Psalm 128

On Sunday morning, do you ever watch your members as they arrive for worship? Do they come by car? By bicycle? On foot? When I served as a pastor in Japan, people came by all three of those, and by train and bus too. Some came great distances; they traveled for hours.

As you listen to this beautiful paraphrase of Psalm 128, think about the Old Testament believers who sang Psalm 128 on their “goings up” to Jerusalem for the festivals. Think about the dear people who “come to Mount Zion” to worship the LORD at your congregation.

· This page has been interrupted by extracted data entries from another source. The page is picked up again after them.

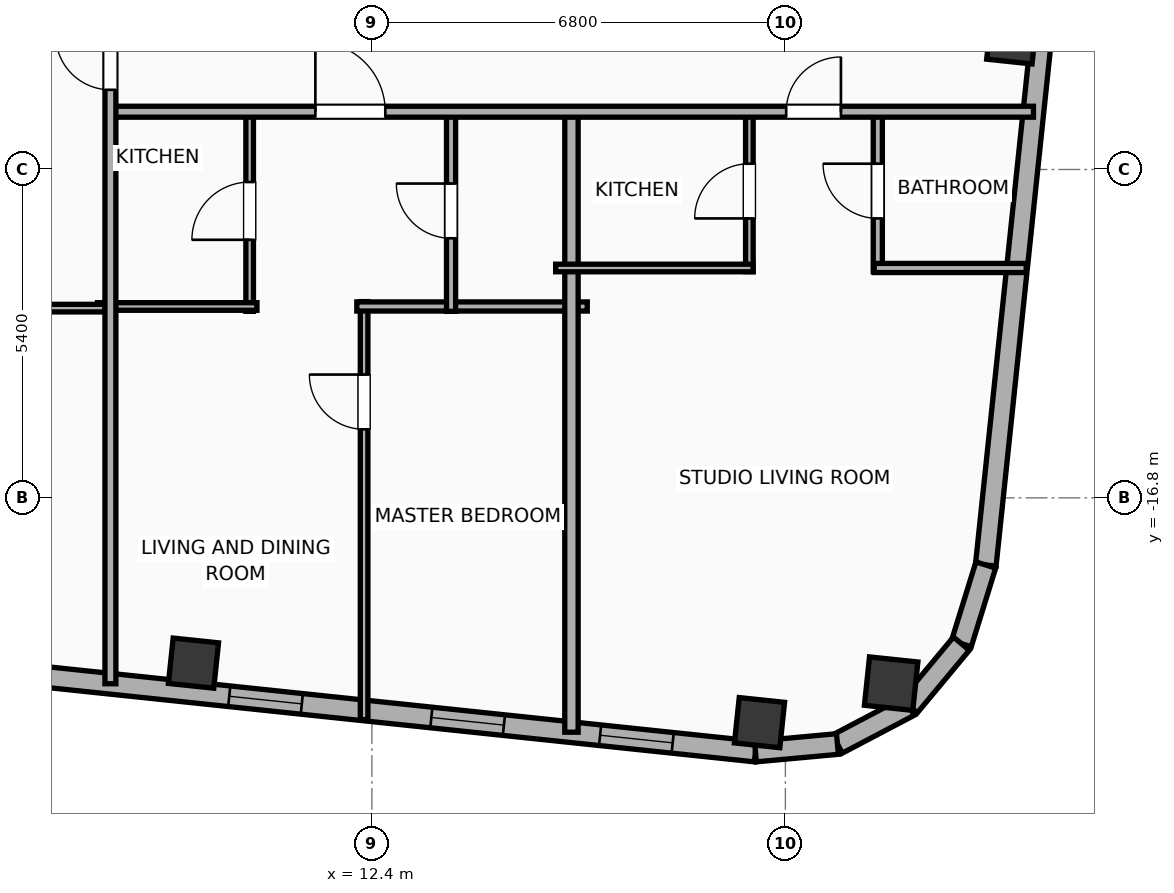
"""IFC4 building model, lengths in metres.
Left out: names, types, materials, properties, quantities, classifications, styles, units other than length and angle.
Written with IfcOpenShell. Run it as: python <this file> out.ifc"""

import sys

from ifc_helpers import new_model, si_unit, direction, frame, frame_2d, origin, origin_2d, place, context, subcontext, project, spatial, rectangle, hollow_rectangle, hollow_circle, extrude, element, fill, save


model = new_model("IFC4")
c1 = context("Model", 3, precision=1e-05, world=origin(), true_north=direction((0.0, 1.0)))
c2 = subcontext(c1, "Body", "Model", "MODEL_VIEW")
j1 = project(units=[si_unit("LENGTHUNIT", "METRE"), si_unit("PLANEANGLEUNIT", "RADIAN")], contexts=[c1])
p1 = place(None, origin())
s1 = spatial("IfcSite", under=j1, at=p1, CompositionType="ELEMENT")
p2 = place(p1, origin())
s2 = spatial("IfcBuilding", under=s1, at=p2, CompositionType="ELEMENT")
p3 = place(p2, frame((0.0, 0.0, 263.9)))
s3 = spatial("IfcBuildingStorey", under=s2, at=p3, CompositionType="ELEMENT", Elevation=263.9)
for number, where, z_axis, x_axis in (
    (1, (9.466, -19.518, 0.0), (0.0, 0.0, 1.0), (0.995, -0.105, 0.0)),
    (2, (18.775, -20.497, 0.0), (0.0, 0.0, 1.0), (0.995, -0.105, 0.0)),
):
    element("IfcColumn", number, at=place(p3, frame(where, z_axis=z_axis, x_axis=x_axis)), inside=s3, PredefinedType="COLUMN", context=c2, shape_type="SweptSolid", body=[
        extrude(hollow_rectangle(XDim=0.75, YDim=0.75, WallThickness=0.025, at=origin_2d()), origin(), (0.0, 0.0, 1.0), 3.9),
    ])
p4 = place(p3, frame((20.939, -19.855, 0.0), z_axis=(0.0, 0.0, 1.0), x_axis=(0.994521895368, -0.104528463268, 0.0)))
e3 = element("IfcColumn", 3, at=p4, inside=s3, PredefinedType="COLUMN", context=c2, shape_type="SweptSolid", body=[
    extrude(hollow_circle(Radius=0.4, WallThickness=0.028, at=origin_2d()), origin(), (0.0, 0.0, 1.0), 3.9),
])
p5 = place(p3, frame((22.923, -9.252, 0.0), z_axis=(0.0, 0.0, 1.0), x_axis=(0.994521895368, -0.104528463268, 0.0)))
e4 = element("IfcColumn", 4, at=p5, inside=s3, PredefinedType="COLUMN", context=c2, shape_type="SweptSolid", body=[
    extrude(hollow_rectangle(XDim=0.75, YDim=0.75, WallThickness=0.025, at=origin_2d()), origin(), (0.0, 0.0, 1.0), 3.9),
])
p6 = place(p3, frame((18.708, -20.972, 0.0), z_axis=(0.0, 0.0, 1.0), x_axis=(-0.994521888554, 0.104528528102, 0.0)))
e5 = element("IfcWall", 5, at=p6, inside=s3, PredefinedType="ELEMENTEDWALL", context=c2, shape_type="SweptSolid", body=[
    extrude(rectangle(XDim=46.766, YDim=0.34, at=frame_2d((23.383, 0.0))), origin(), (0.0, 0.0, 1.0), 3.65),
])
p7 = place(p6, frame((23.833, 0.0, 0.75)))
e6 = element("IfcOpeningElement", 6, at=p7, cuts=e5, PredefinedType="OPENING", context=c2, shape_type="SweptSolid", body=[
    extrude(rectangle(XDim=2.4, YDim=2.1, at=frame_2d((1.2, 1.05))), frame((0.0, 0.18, 0.0), z_axis=(0.0, -1.0, 0.0), x_axis=(1.0, 0.0, 0.0)), (0.0, 0.0, 1.0), 0.36),
])
p8 = place(p6, frame((38.622, 0.0, 0.75)))
e7 = element("IfcOpeningElement", 7, at=p8, cuts=e5, PredefinedType="OPENING", context=c2, shape_type="SweptSolid", body=[
    extrude(rectangle(XDim=2.4, YDim=2.1, at=frame_2d((1.2, 1.05))), frame((0.0, 0.18, 0.0), z_axis=(0.0, -1.0, 0.0), x_axis=(1.0, 0.0, 0.0)), (0.0, 0.0, 1.0), 0.36),
])
p9 = place(p6, frame((44.402, 0.0, 0.75)))
e8 = element("IfcOpeningElement", 8, at=p9, cuts=e5, PredefinedType="OPENING", context=c2, shape_type="SweptSolid", body=[
    extrude(rectangle(XDim=1.2, YDim=2.05, at=frame_2d((0.6, 1.025))), frame((0.0, 0.18, 0.0), z_axis=(0.0, -1.0, 0.0), x_axis=(1.0, 0.0, 0.0)), (0.0, 0.0, 1.0), 0.36),
])
p10 = place(p6, frame((42.406, 0.0, 0.75)))
e9 = element("IfcOpeningElement", 9, at=p10, cuts=e5, PredefinedType="OPENING", context=c2, shape_type="SweptSolid", body=[
    extrude(rectangle(XDim=1.2, YDim=2.05, at=frame_2d((0.6, 1.025))), frame((0.0, 0.18, 0.0), z_axis=(0.0, -1.0, 0.0), x_axis=(1.0, 0.0, 0.0)), (0.0, 0.0, 1.0), 0.36),
])
p11 = place(p6, frame((34.933, 0.0, 0.75)))
e10 = element("IfcOpeningElement", 10, at=p11, cuts=e5, PredefinedType="OPENING", context=c2, shape_type="SweptSolid", body=[
    extrude(rectangle(XDim=1.2, YDim=2.05, at=frame_2d((0.6, 1.025))), frame((0.0, 0.18, 0.0), z_axis=(0.0, -1.0, 0.0), x_axis=(1.0, 0.0, 0.0)), (0.0, 0.0, 1.0), 0.36),
])
p12 = place(p6, frame((28.631, 0.0, 0.75)))
e11 = element("IfcOpeningElement", 11, at=p12, cuts=e5, PredefinedType="OPENING", context=c2, shape_type="SweptSolid", body=[
    extrude(rectangle(XDim=1.2, YDim=2.05, at=frame_2d((0.6, 1.025))), frame((0.0, 0.18, 0.0), z_axis=(0.0, -1.0, 0.0), x_axis=(1.0, 0.0, 0.0)), (0.0, 0.0, 1.0), 0.36),
])
p13 = place(p6, frame((30.896, 0.0, 0.75)))
e12 = element("IfcOpeningElement", 12, at=p13, cuts=e5, PredefinedType="OPENING", context=c2, shape_type="SweptSolid", body=[
    extrude(rectangle(XDim=1.2, YDim=2.05, at=frame_2d((0.6, 1.025))), frame((0.0, 0.18, 0.0), z_axis=(0.0, -1.0, 0.0), x_axis=(1.0, 0.0, 0.0)), (0.0, 0.0, 1.0), 0.36),
])
p14 = place(p6, frame((7.501, 0.0, 0.75)))
e13 = element("IfcOpeningElement", 13, at=p14, cuts=e5, PredefinedType="OPENING", context=c2, shape_type="SweptSolid", body=[
    extrude(rectangle(XDim=1.2, YDim=2.05, at=frame_2d((0.6, 1.025))), frame((0.0, 0.18, 0.0), z_axis=(0.0, -1.0, 0.0), x_axis=(1.0, 0.0, 0.0)), (0.0, 0.0, 1.0), 0.36),
])
p15 = place(p6, frame((4.159, 0.0, 0.75)))
e14 = element("IfcOpeningElement", 14, at=p15, cuts=e5, PredefinedType="OPENING", context=c2, shape_type="SweptSolid", body=[
    extrude(rectangle(XDim=1.2, YDim=2.05, at=frame_2d((0.6, 1.025))), frame((0.0, 0.18, 0.0), z_axis=(0.0, -1.0, 0.0), x_axis=(1.0, 0.0, 0.0)), (0.0, 0.0, 1.0), 0.36),
])
p16 = place(p6, frame((1.369, 0.0, 0.75)))
e15 = element("IfcOpeningElement", 15, at=p16, cuts=e5, PredefinedType="OPENING", context=c2, shape_type="SweptSolid", body=[
    extrude(rectangle(XDim=1.2, YDim=2.05, at=frame_2d((0.6, 1.025))), frame((0.0, 0.18, 0.0), z_axis=(0.0, -1.0, 0.0), x_axis=(1.0, 0.0, 0.0)), (0.0, 0.0, 1.0), 0.36),
])
p17 = place(p6, frame((20.254, 0.0, 0.75)))
e16 = element("IfcOpeningElement", 16, at=p17, cuts=e5, PredefinedType="OPENING", context=c2, shape_type="SweptSolid", body=[
    extrude(rectangle(XDim=1.2, YDim=2.05, at=frame_2d((0.6, 1.025))), frame((0.0, 0.18, 0.0), z_axis=(0.0, -1.0, 0.0), x_axis=(1.0, 0.0, 0.0)), (0.0, 0.0, 1.0), 0.36),
])
p18 = place(p6, frame((16.172, 0.0, 0.75)))
e17 = element("IfcOpeningElement", 17, at=p18, cuts=e5, PredefinedType="OPENING", context=c2, shape_type="SweptSolid", body=[
    extrude(rectangle(XDim=1.2, YDim=2.05, at=frame_2d((0.6, 1.025))), frame((0.0, 0.18, 0.0), z_axis=(0.0, -1.0, 0.0), x_axis=(1.0, 0.0, 0.0)), (0.0, 0.0, 1.0), 0.36),
])
p19 = place(p6, frame((12.11, 0.0, 0.75)))
e18 = element("IfcOpeningElement", 18, at=p19, cuts=e5, PredefinedType="OPENING", context=c2, shape_type="SweptSolid", body=[
    extrude(rectangle(XDim=1.2, YDim=2.05, at=frame_2d((0.6, 1.025))), frame((0.0, 0.18, 0.0), z_axis=(0.0, -1.0, 0.0), x_axis=(1.0, 0.0, 0.0)), (0.0, 0.0, 1.0), 0.36),
])
p20 = place(p3, frame((25.67, 12.296, 0.0), z_axis=(0.0, 0.0, 1.0), x_axis=(-0.104533282919, -0.994521388791, 0.0)))
e19 = element("IfcWall", 19, at=p20, inside=s3, PredefinedType="ELEMENTEDWALL", context=c2, shape_type="SweptSolid", body=[
    extrude(rectangle(XDim=30.366, YDim=0.34, at=frame_2d((15.183, 0.0))), origin(), (0.0, 0.0, 1.0), 3.65),
])
p21 = place(p20, frame((5.842, 0.0, 0.75)))
e20 = element("IfcOpeningElement", 20, at=p21, cuts=e19, PredefinedType="OPENING", context=c2, shape_type="SweptSolid", body=[
    extrude(rectangle(XDim=1.8, YDim=2.1, at=frame_2d((0.9, 1.05))), frame((0.0, 0.18, 0.0), z_axis=(0.0, -1.0, 0.0), x_axis=(1.0, 0.0, 0.0)), (0.0, 0.0, 1.0), 0.36),
])
p22 = place(p20, frame((18.005, 0.0, 0.75)))
e21 = element("IfcOpeningElement", 21, at=p22, cuts=e19, PredefinedType="OPENING", context=c2, shape_type="SweptSolid", body=[
    extrude(rectangle(XDim=1.2, YDim=2.05, at=frame_2d((0.6, 1.025))), frame((0.0, 0.18, 0.0), z_axis=(0.0, -1.0, 0.0), x_axis=(1.0, 0.0, 0.0)), (0.0, 0.0, 1.0), 0.36),
])
p23 = place(p3, frame((22.496, -17.905, 0.0), z_axis=(0.0, 0.0, 1.0), x_axis=(-0.296416228123, -0.955058856671, 0.0)))
e22 = element("IfcWall", 22, at=p23, inside=s3, PredefinedType="ELEMENTEDWALL", context=c2, shape_type="SweptSolid", body=[
    extrude(rectangle(XDim=1.354, YDim=0.34, at=frame_2d((0.677, 0.0))), origin(), (0.0, 0.0, 1.0), 3.65),
])
p24 = place(p3, frame((22.094, -19.198, 0.0), z_axis=(0.0, 0.0, 1.0), x_axis=(-0.639501603217, -0.768789762863, 0.0)))
e23 = element("IfcWall", 23, at=p24, inside=s3, PredefinedType="ELEMENTEDWALL", context=c2, shape_type="SweptSolid", body=[
    extrude(rectangle(XDim=1.337, YDim=0.34, at=frame_2d((0.668, 0.0))), origin(), (0.0, 0.0, 1.0), 3.65),
])
p25 = place(p3, frame((21.24, -20.226, 0.0), z_axis=(0.0, 0.0, 1.0), x_axis=(-0.884922182678, -0.465738908193, 0.0)))
e24 = element("IfcWall", 24, at=p25, inside=s3, PredefinedType="ELEMENTEDWALL", context=c2, shape_type="SweptSolid", body=[
    extrude(rectangle(XDim=1.337, YDim=0.34, at=frame_2d((0.668, 0.0))), origin(), (0.0, 0.0, 1.0), 3.65),
])
p26 = place(p3, frame((20.056, -20.848, 0.0), z_axis=(0.0, 0.0, 1.0), x_axis=(-0.995813013343, -0.091413579172, 0.0)))
e25 = element("IfcWall", 25, at=p26, inside=s3, PredefinedType="ELEMENTEDWALL", context=c2, shape_type="SweptSolid", body=[
    extrude(rectangle(XDim=1.354, YDim=0.34, at=frame_2d((0.677, 0.0))), origin(), (0.0, 0.0, 1.0), 3.65),
])
p27 = place(p3, frame((12.272, -20.447, 0.0), z_axis=(0.0, 0.0, 1.0), x_axis=(0.0, 1.0, 0.0)))
e26 = element("IfcWall", 26, at=p27, inside=s3, PredefinedType="PARTITIONING", context=c2, shape_type="SweptSolid", body=[
    extrude(rectangle(XDim=6.874, YDim=0.125, at=frame_2d((3.437, 0.0))), origin(), (0.0, 0.0, 1.0), 3.65),
])
p28 = place(p27, frame((4.774, 0.0, 0.0)))
e27 = element("IfcOpeningElement", 27, at=p28, cuts=e26, PredefinedType="OPENING", context=c2, shape_type="SweptSolid", body=[
    extrude(rectangle(XDim=0.9, YDim=2.05, at=frame_2d((0.45, 1.025))), frame((0.0, 0.073, 0.0), z_axis=(0.0, -1.0, 0.0), x_axis=(1.0, 0.0, 0.0)), (0.0, 0.0, 1.0), 0.145),
])
p29 = place(p3, frame((12.152, -13.653, 0.0), z_axis=(0.0, 0.0, 1.0), x_axis=(1.0, 0.0, 0.0)))
e28 = element("IfcWall", 28, at=p29, inside=s3, PredefinedType="PLUMBINGWALL", context=c2, shape_type="SweptSolid", body=[
    extrude(rectangle(XDim=3.79, YDim=0.15, at=frame_2d((1.895, 0.0))), origin(), (0.0, 0.0, 1.0), 3.65),
])
p30 = place(p3, frame((10.39, -13.733, 0.0), z_axis=(0.0, 0.0, 1.0), x_axis=(0.0, 1.0, 0.0)))
e29 = element("IfcWall", 29, at=p30, inside=s3, PredefinedType="PARTITIONING", context=c2, shape_type="SweptSolid", body=[
    extrude(rectangle(XDim=3.303, YDim=0.125, at=frame_2d((1.651, 0.0))), origin(), (0.0, 0.0, 1.0), 3.65),
])
p31 = place(p30, frame((1.177, 0.0, 0.0)))
e30 = element("IfcOpeningElement", 30, at=p31, cuts=e29, PredefinedType="OPENING", context=c2, shape_type="SweptSolid", body=[
    extrude(rectangle(XDim=0.95, YDim=2.05, at=frame_2d((0.475, 1.025))), frame((0.0, 0.073, 0.0), z_axis=(0.0, -1.0, 0.0), x_axis=(1.0, 0.0, 0.0)), (0.0, 0.0, 1.0), 0.145),
])
p32 = place(p3, frame((7.887, -13.653, 0.0), z_axis=(0.0, 0.0, 1.0), x_axis=(1.0, 0.0, 0.0)))
e31 = element("IfcWall", 31, at=p32, inside=s3, PredefinedType="PARTITIONING", context=c2, shape_type="SweptSolid", body=[
    extrude(rectangle(XDim=2.623, YDim=0.125, at=frame_2d((1.311, 0.0))), origin(), (0.0, 0.0, 1.0), 3.65),
])
p33 = place(p3, frame((13.702, -13.733, 0.0), z_axis=(0.0, 0.0, 1.0), x_axis=(0.0, 1.0, 0.0)))
e32 = element("IfcWall", 32, at=p33, inside=s3, PredefinedType="PLUMBINGWALL", context=c2, shape_type="SweptSolid", body=[
    extrude(rectangle(XDim=3.303, YDim=0.15, at=frame_2d((1.651, 0.0))), origin(), (0.0, 0.0, 1.0), 3.65),
])
p34 = place(p33, frame((1.201, 0.0, 0.0)))
e33 = element("IfcOpeningElement", 33, at=p34, cuts=e32, PredefinedType="OPENING", context=c2, shape_type="SweptSolid", body=[
    extrude(rectangle(XDim=0.9, YDim=2.05, at=frame_2d((0.45, 1.025))), frame((0.0, 0.085, 0.0), z_axis=(0.0, -1.0, 0.0), x_axis=(1.0, 0.0, 0.0)), (0.0, 0.0, 1.0), 0.17),
])
p35 = place(p3, frame((15.682, -20.654, 0.0), z_axis=(0.0, 0.0, 1.0), x_axis=(0.0, 1.0, 0.0)))
e34 = element("IfcWall", 34, at=p35, inside=s3, PredefinedType="PARTITIONING", context=c2, shape_type="SweptSolid", body=[
    extrude(rectangle(XDim=10.284, YDim=0.22, at=frame_2d((5.142, 0.0))), origin(), (0.0, 0.0, 1.0), 3.65),
])
p36 = place(p3, frame((18.608, -13.08, 0.0), z_axis=(0.0, 0.0, 1.0), x_axis=(0.0, 1.0, 0.0)))
e35 = element("IfcWall", 35, at=p36, inside=s3, PredefinedType="PARTITIONING", context=c2, shape_type="SweptSolid", body=[
    extrude(rectangle(XDim=2.65, YDim=0.125, at=frame_2d((1.325, 0.0))), origin(), (0.0, 0.0, 1.0), 3.65),
])
p37 = place(p36, frame((0.875, 0.0, 0.0)))
e36 = element("IfcOpeningElement", 36, at=p37, cuts=e35, PredefinedType="OPENING", context=c2, shape_type="SweptSolid", body=[
    extrude(rectangle(XDim=0.9, YDim=2.05, at=frame_2d((0.45, 1.025))), frame((0.0, 0.073, 0.0), z_axis=(0.0, -1.0, 0.0), x_axis=(1.0, 0.0, 0.0)), (0.0, 0.0, 1.0), 0.145),
])
p38 = place(p3, frame((20.72, -13.08, 0.0), z_axis=(0.0, 0.0, 1.0), x_axis=(0.0, 1.0, 0.0)))
e37 = element("IfcWall", 37, at=p38, inside=s3, PredefinedType="PLUMBINGWALL", context=c2, shape_type="SweptSolid", body=[
    extrude(rectangle(XDim=2.65, YDim=0.15, at=frame_2d((1.325, 0.0))), origin(), (0.0, 0.0, 1.0), 3.65),
])
p39 = place(p38, frame((0.875, 0.0, 0.0)))
e38 = element("IfcOpeningElement", 38, at=p39, cuts=e37, PredefinedType="OPENING", context=c2, shape_type="SweptSolid", body=[
    extrude(rectangle(XDim=0.9, YDim=2.05, at=frame_2d((0.45, 1.025))), frame((0.0, 0.085, 0.0), z_axis=(0.0, -1.0, 0.0), x_axis=(1.0, 0.0, 0.0)), (0.0, 0.0, 1.0), 0.17),
])
p40 = place(p3, frame((15.422, -13.02, 0.0), z_axis=(0.0, 0.0, 1.0), x_axis=(1.0, 0.0, 0.0)))
e39 = element("IfcWall", 39, at=p40, inside=s3, PredefinedType="PARTITIONING", context=c2, shape_type="SweptSolid", body=[
    extrude(rectangle(XDim=3.246, YDim=0.125, at=frame_2d((1.623, 0.0))), origin(), (0.0, 0.0, 1.0), 3.65),
])
p41 = place(p3, frame((20.66, -13.02, 0.0), z_axis=(0.0, 0.0, 1.0), x_axis=(1.0, 0.0, 0.0)))
e40 = element("IfcWall", 40, at=p41, inside=s3, PredefinedType="PLUMBINGWALL", context=c2, shape_type="SweptSolid", body=[
    extrude(rectangle(XDim=2.5, YDim=0.15, at=frame_2d((1.25, 0.0))), origin(), (0.0, 0.0, 1.0), 3.65),
])
p42 = place(p3, frame((8.08, -10.45, 0.0), z_axis=(0.0, 0.0, 1.0), x_axis=(1.0, 0.0, 0.0)))
e41 = element("IfcWall", 41, at=p42, inside=s3, PredefinedType="PARTITIONING", context=c2, shape_type="SweptSolid", body=[
    extrude(rectangle(XDim=15.199, YDim=0.18, at=frame_2d((7.6, 0.0))), origin(), (0.0, 0.0, 1.0), 3.65),
])
p43 = place(p42, frame((3.39, 0.0, 0.0)))
e42 = element("IfcOpeningElement", 42, at=p43, cuts=e41, PredefinedType="OPENING", context=c2, shape_type="SweptSolid", body=[
    extrude(rectangle(XDim=1.15, YDim=2.05, at=frame_2d((0.575, 1.025))), frame((0.0, 0.1, 0.0), z_axis=(0.0, -1.0, 0.0), x_axis=(1.0, 0.0, 0.0)), (0.0, 0.0, 1.0), 0.2),
])
p44 = place(p42, frame((11.134, 0.0, 0.0)))
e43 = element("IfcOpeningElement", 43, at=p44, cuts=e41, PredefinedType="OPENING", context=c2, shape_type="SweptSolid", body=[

Truly this is a beautiful little psalm …

As pastors, we see people coming to worship. Week after week. For decades. They do not come because of us, but in spite of us. They do not come to hear us, but to hear the voice of the LORD through us. They do not consider their worship to be a loss or burden, a giving up of a part of their lives for him. No, they realize that their lives and their families are amazing gifts of grace from him and that they find meaning, fulfillment, goodness, and peace only in him. They come because they “fear the LORD.” They willingly and joyfully walk in the ways of the LORD because he has loved them, rescued them, and forgiven them. He has given them hope.

When we pastors sing Psalm 128, we are led to give thanks to the LORD for our own life and family. The LORD provides food, wife, and children. He opens our eyes to see that all our daily bread comes from him, our loving heavenly Father.

Psalm 128 leads us to repent of the times when we have sinned against our family members and to seek the LORD’s forgiveness and blessing. Psalm 128 inspires us to give our best to our wife and children, to love our wife as Christ loved the church, and to raise our children in the fear and instruction of the LORD. We do this by what we say and even more so by how we live.

Psalm 128 opens our eyes to the importance of marriage and family and the family of God. It gives us a sympathetic heart for the individuals, couples, and families in our congregation. It leads us to encourage them, comfort them, and teach them. It leads to prepare our sermons and Bible classes carefully, to proclaim the name of the LORD to them. It leads us to counsel them, warn them, and train them in righteousness. It leads us to focus their attention on true riches, true prosperity, true peace. It leads us to point them to the Lord Jesus Christ, the great Bridegroom of the Church, who came down from heaven that we might have life—life to the full—in this world and in the life to come.

Psalms 128 is a beautiful little Psalm. We do well to sing and pray it often. Blest are all who fear the LORD!